# Chris,s log



## Chrissy....... (Nov 25, 2013)

I keep meaning to start a journal,even if it is just somewhere to come weekly and post a workout etc it gives you something to look back on. I like a wee look at what you other guys are doing too,always good for new ideas, so i dont mind showing mine. Ive never been one to keep notes etc but this forum provides a good easy place here for this.I started t bullets this week, il be doing one a day so maybe get some notes on how it goes for me.

Im weighing about 16 1/2 stone but wont use weight as a guide to gains, as i admit, loosing a few pounds of fat around the middle is needed.Height 5,7 1/2 ish.

Stats, just took some cold measurements. Chest 50" thighs 27" biceps 17 1/2 " waist 38"(must loose a few " here). Top half and thighs are all really well shaped and massed middle just badly spoils the taper, nothing i cant sort.

Yesterday ,quick shoulder blast.

Seated upright smith machine military press. 40k w/u 1x12x60k,1x9x70k,1x6x80k,1x3x90k.

seated bent over lat raises. 4x10x14k

Upright close grip rows. 1x12x30k,1x10x40k,1x8x45k,1x6x50k

straight onto 2 sets of cable lat raises light, high rep,. warmdown.

I rarely include front delt isolation as i always have great doms in them after working chest.

Well thats that started, didnt hurt too much.


----------



## justheretosnoop (Jun 15, 2012)

:rockon: Welcome to the gang Chris!

Looking forward to having a read...


----------



## SX Dave (Jun 14, 2007)

Well done for starting a log mate, be interested to see how your bullet cycle goes too as think im looking at doing the same thing in a week or so.

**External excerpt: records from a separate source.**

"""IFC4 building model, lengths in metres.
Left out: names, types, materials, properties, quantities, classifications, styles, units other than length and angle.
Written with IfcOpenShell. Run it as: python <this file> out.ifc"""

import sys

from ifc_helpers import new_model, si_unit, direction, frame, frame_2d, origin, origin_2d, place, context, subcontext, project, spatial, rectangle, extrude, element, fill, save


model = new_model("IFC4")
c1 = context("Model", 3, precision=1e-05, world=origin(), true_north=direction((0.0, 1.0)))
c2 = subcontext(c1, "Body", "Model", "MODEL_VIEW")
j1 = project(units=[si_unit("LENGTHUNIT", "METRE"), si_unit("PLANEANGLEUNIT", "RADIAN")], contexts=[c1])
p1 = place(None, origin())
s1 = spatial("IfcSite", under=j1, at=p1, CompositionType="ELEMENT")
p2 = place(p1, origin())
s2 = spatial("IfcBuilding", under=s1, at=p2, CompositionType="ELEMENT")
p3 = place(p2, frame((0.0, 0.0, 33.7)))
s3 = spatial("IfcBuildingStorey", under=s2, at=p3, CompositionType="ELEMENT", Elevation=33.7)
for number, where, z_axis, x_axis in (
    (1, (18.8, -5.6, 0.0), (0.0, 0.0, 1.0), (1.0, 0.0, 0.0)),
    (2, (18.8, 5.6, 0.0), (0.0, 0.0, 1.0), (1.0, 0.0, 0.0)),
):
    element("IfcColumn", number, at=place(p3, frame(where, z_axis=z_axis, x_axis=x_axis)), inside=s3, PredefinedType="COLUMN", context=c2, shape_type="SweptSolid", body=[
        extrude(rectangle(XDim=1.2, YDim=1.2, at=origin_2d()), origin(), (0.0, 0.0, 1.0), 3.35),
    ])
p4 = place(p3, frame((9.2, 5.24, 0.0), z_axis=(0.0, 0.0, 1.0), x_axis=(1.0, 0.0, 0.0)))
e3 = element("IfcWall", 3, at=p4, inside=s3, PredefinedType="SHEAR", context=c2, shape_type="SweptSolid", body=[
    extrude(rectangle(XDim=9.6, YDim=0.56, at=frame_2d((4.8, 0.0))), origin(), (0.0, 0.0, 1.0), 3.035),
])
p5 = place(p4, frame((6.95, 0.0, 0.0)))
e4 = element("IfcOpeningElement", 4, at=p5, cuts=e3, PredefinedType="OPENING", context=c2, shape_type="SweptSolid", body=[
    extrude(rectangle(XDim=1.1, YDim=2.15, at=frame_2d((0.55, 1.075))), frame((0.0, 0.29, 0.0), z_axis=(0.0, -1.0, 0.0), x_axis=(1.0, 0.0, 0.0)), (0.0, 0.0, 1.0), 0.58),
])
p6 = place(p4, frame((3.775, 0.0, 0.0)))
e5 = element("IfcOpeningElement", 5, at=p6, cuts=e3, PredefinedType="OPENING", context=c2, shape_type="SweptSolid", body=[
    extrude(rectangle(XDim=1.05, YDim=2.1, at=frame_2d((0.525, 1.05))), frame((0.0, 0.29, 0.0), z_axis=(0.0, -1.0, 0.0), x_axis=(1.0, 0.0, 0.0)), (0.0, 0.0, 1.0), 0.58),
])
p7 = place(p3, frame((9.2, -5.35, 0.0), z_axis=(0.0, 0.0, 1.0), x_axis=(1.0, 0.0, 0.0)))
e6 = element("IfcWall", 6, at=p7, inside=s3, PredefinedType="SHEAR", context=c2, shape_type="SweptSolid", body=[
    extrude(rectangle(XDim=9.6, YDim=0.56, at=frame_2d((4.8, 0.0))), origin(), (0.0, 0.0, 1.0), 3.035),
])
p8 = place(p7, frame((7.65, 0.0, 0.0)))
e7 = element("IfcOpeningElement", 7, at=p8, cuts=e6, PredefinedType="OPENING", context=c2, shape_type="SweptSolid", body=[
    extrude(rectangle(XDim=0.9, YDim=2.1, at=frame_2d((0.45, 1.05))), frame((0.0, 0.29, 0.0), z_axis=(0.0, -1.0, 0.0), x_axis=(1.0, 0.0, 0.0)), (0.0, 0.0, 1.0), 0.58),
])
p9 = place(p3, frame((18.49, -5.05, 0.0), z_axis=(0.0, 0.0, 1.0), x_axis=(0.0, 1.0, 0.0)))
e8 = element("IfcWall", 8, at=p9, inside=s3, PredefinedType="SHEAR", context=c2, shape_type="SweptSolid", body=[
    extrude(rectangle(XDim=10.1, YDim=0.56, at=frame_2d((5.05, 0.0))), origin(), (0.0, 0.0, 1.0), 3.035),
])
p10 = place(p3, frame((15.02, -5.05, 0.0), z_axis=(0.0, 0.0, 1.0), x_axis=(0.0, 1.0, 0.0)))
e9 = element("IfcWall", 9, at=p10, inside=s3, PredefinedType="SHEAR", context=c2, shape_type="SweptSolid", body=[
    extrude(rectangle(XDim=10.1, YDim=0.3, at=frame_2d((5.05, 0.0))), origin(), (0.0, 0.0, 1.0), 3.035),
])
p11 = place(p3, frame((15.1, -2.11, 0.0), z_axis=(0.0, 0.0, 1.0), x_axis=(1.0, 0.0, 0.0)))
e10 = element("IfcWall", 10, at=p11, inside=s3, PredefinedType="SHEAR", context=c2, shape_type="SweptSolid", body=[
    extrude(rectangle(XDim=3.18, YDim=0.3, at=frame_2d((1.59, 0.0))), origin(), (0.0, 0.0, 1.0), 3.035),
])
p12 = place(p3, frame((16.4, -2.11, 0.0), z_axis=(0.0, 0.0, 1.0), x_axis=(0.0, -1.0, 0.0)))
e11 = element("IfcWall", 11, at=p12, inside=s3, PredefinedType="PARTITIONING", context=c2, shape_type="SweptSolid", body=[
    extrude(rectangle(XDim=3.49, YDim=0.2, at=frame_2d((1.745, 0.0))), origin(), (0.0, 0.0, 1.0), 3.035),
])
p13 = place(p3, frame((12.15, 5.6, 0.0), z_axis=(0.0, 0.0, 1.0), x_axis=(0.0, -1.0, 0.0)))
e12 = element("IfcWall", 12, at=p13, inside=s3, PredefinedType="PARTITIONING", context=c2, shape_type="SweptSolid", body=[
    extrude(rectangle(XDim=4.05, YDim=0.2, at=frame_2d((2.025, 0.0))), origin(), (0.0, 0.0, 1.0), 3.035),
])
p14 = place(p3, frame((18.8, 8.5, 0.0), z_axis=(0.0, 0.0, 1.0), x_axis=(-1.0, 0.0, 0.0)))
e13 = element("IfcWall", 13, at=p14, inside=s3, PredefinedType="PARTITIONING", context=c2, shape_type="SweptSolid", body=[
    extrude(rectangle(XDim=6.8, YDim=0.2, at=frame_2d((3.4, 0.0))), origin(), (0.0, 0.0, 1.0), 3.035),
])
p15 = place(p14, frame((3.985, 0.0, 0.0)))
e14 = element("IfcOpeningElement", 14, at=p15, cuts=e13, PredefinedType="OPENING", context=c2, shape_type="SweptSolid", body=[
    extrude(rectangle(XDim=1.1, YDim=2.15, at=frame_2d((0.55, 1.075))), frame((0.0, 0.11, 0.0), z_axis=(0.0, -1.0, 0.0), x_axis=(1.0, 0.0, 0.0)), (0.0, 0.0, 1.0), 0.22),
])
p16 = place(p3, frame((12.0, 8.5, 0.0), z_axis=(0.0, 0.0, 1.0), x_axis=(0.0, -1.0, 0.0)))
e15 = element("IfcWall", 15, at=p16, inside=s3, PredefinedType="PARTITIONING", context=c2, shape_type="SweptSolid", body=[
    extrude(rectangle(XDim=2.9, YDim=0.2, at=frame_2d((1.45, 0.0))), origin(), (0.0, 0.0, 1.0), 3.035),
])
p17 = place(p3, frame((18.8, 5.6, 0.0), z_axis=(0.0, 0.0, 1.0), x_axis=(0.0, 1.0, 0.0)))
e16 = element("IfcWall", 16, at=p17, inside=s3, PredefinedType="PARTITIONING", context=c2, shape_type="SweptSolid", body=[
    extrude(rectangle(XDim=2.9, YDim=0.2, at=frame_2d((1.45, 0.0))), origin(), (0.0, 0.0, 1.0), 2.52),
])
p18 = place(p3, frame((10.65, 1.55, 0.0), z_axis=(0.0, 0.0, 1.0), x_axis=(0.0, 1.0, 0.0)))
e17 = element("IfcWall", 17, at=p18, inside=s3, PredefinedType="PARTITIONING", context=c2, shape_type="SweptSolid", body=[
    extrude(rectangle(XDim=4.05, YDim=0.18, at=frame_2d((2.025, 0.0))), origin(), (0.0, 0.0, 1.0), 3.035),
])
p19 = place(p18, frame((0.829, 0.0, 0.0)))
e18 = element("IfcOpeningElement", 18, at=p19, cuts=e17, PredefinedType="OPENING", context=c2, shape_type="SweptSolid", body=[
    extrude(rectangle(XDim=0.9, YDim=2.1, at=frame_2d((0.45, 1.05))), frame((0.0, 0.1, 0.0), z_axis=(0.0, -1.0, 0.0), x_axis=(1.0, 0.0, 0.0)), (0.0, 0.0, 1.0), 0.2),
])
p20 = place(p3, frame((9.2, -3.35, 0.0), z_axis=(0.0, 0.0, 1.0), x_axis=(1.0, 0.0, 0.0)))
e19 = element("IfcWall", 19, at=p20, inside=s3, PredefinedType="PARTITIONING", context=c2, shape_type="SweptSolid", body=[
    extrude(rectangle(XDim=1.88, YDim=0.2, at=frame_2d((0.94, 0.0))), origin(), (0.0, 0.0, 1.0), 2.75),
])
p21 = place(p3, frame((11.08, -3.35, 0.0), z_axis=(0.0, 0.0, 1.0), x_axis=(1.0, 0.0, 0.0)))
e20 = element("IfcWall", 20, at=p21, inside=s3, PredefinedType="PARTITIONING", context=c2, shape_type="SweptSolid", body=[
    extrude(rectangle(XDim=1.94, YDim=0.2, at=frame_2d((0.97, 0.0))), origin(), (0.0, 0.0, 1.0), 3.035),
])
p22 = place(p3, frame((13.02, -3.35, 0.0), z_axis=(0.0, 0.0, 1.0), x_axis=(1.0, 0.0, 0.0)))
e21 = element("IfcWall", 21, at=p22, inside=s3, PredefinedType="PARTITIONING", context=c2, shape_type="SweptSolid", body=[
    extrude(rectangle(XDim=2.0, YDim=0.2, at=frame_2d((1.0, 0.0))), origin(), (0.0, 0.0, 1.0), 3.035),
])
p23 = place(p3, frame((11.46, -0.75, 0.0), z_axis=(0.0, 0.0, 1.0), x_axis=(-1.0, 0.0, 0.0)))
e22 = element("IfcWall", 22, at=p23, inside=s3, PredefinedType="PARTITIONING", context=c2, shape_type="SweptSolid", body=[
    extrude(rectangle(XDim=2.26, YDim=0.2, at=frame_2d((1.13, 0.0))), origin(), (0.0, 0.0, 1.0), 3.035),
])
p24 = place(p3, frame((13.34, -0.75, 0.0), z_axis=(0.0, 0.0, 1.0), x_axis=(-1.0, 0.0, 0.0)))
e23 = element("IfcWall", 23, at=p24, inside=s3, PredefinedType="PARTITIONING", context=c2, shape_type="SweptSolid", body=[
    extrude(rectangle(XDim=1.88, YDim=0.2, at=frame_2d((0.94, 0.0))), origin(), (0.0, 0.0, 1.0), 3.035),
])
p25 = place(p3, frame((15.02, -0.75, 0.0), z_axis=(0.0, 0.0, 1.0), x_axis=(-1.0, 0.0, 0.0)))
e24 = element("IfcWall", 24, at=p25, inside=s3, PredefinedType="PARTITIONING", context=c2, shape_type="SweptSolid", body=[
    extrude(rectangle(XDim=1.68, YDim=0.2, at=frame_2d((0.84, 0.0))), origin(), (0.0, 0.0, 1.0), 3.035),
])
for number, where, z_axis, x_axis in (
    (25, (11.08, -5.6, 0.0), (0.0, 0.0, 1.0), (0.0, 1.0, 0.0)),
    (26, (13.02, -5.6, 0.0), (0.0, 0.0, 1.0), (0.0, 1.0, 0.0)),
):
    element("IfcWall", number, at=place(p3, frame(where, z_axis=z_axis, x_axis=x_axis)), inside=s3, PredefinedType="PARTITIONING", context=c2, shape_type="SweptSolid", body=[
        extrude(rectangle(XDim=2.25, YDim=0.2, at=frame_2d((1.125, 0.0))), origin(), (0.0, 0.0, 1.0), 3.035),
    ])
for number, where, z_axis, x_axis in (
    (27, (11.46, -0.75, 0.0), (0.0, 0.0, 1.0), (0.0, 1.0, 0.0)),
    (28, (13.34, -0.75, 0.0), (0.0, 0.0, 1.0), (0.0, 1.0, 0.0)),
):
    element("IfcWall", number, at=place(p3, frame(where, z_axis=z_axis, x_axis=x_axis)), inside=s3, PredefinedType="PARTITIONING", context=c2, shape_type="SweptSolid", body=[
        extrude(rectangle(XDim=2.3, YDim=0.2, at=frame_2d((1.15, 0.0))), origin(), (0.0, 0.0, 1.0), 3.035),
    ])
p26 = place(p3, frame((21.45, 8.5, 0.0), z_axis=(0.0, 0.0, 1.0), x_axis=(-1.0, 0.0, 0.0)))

Whats your training split etc?


----------



## Chrissy....... (Nov 25, 2013)

Thanks guys. My split can be a bit erratic due to sharing the shifts of our cab with the missus and looking after our kids, it sometimes means training mon -thu inc, rest fri,sat,sun. I know its not ideal but it works ok, i keep it to a push pull split for that reason. Usually Mon,chest tris,tues back bis,wed shoulders,thu legs. Thats just a rough example though. Il always get it all done somewhere somehow.


----------



## glod (Aug 15, 2011)

good luck Chris.

How are u gonna run T bullets bro??


----------



## Chrissy....... (Nov 25, 2013)

Im just going one a day mate, if all goes well il run it the 8 weeks and kick reload in about week 6,7.


----------



## LEGION (Sep 20, 2011)

nice 1' m8..:becky:


----------



## Hard Trainer (Apr 29, 2009)

Nice stats/log bud. Something I lack in strength is shoulders. Well might not be so bad in moderation to my other lifts, lol. Military press for me is 40KG and my deadslifts are 135KG so I guess its in moderation really. lol


----------



## justheretosnoop (Jun 15, 2012)

40 DB's or BB? If BB I'd say your deads are waaaay ahead of your mp there personally.


----------



## Hard Trainer (Apr 29, 2009)

40KG on the bar. It used to be 50KG on the bar or 30KG DB's but one ive cut my diet down and two I used to do shoulders / triceps but now im doing a full body and shoulders come near the end of the workout


----------



## justheretosnoop (Jun 15, 2012)

Fair enough bud. Do you include the weight of the oly in your figures or is that to go on top?


----------



## Hard Trainer (Apr 29, 2009)

Dorsey said:


> Fair enough bud. Do you include the weight of the oly in your figures or is that to go on top?


 Its included bud


----------



## Chrissy....... (Nov 25, 2013)

Missed back and legs last week due to a wee bug of some sort,didnt keep me off work but training was a no no. Tried to do back on wed but was too sick and dizzy. Not the sickness im used to after a good sess lol. Got back today tho decided to stick to routine as opposed to starting where i left off.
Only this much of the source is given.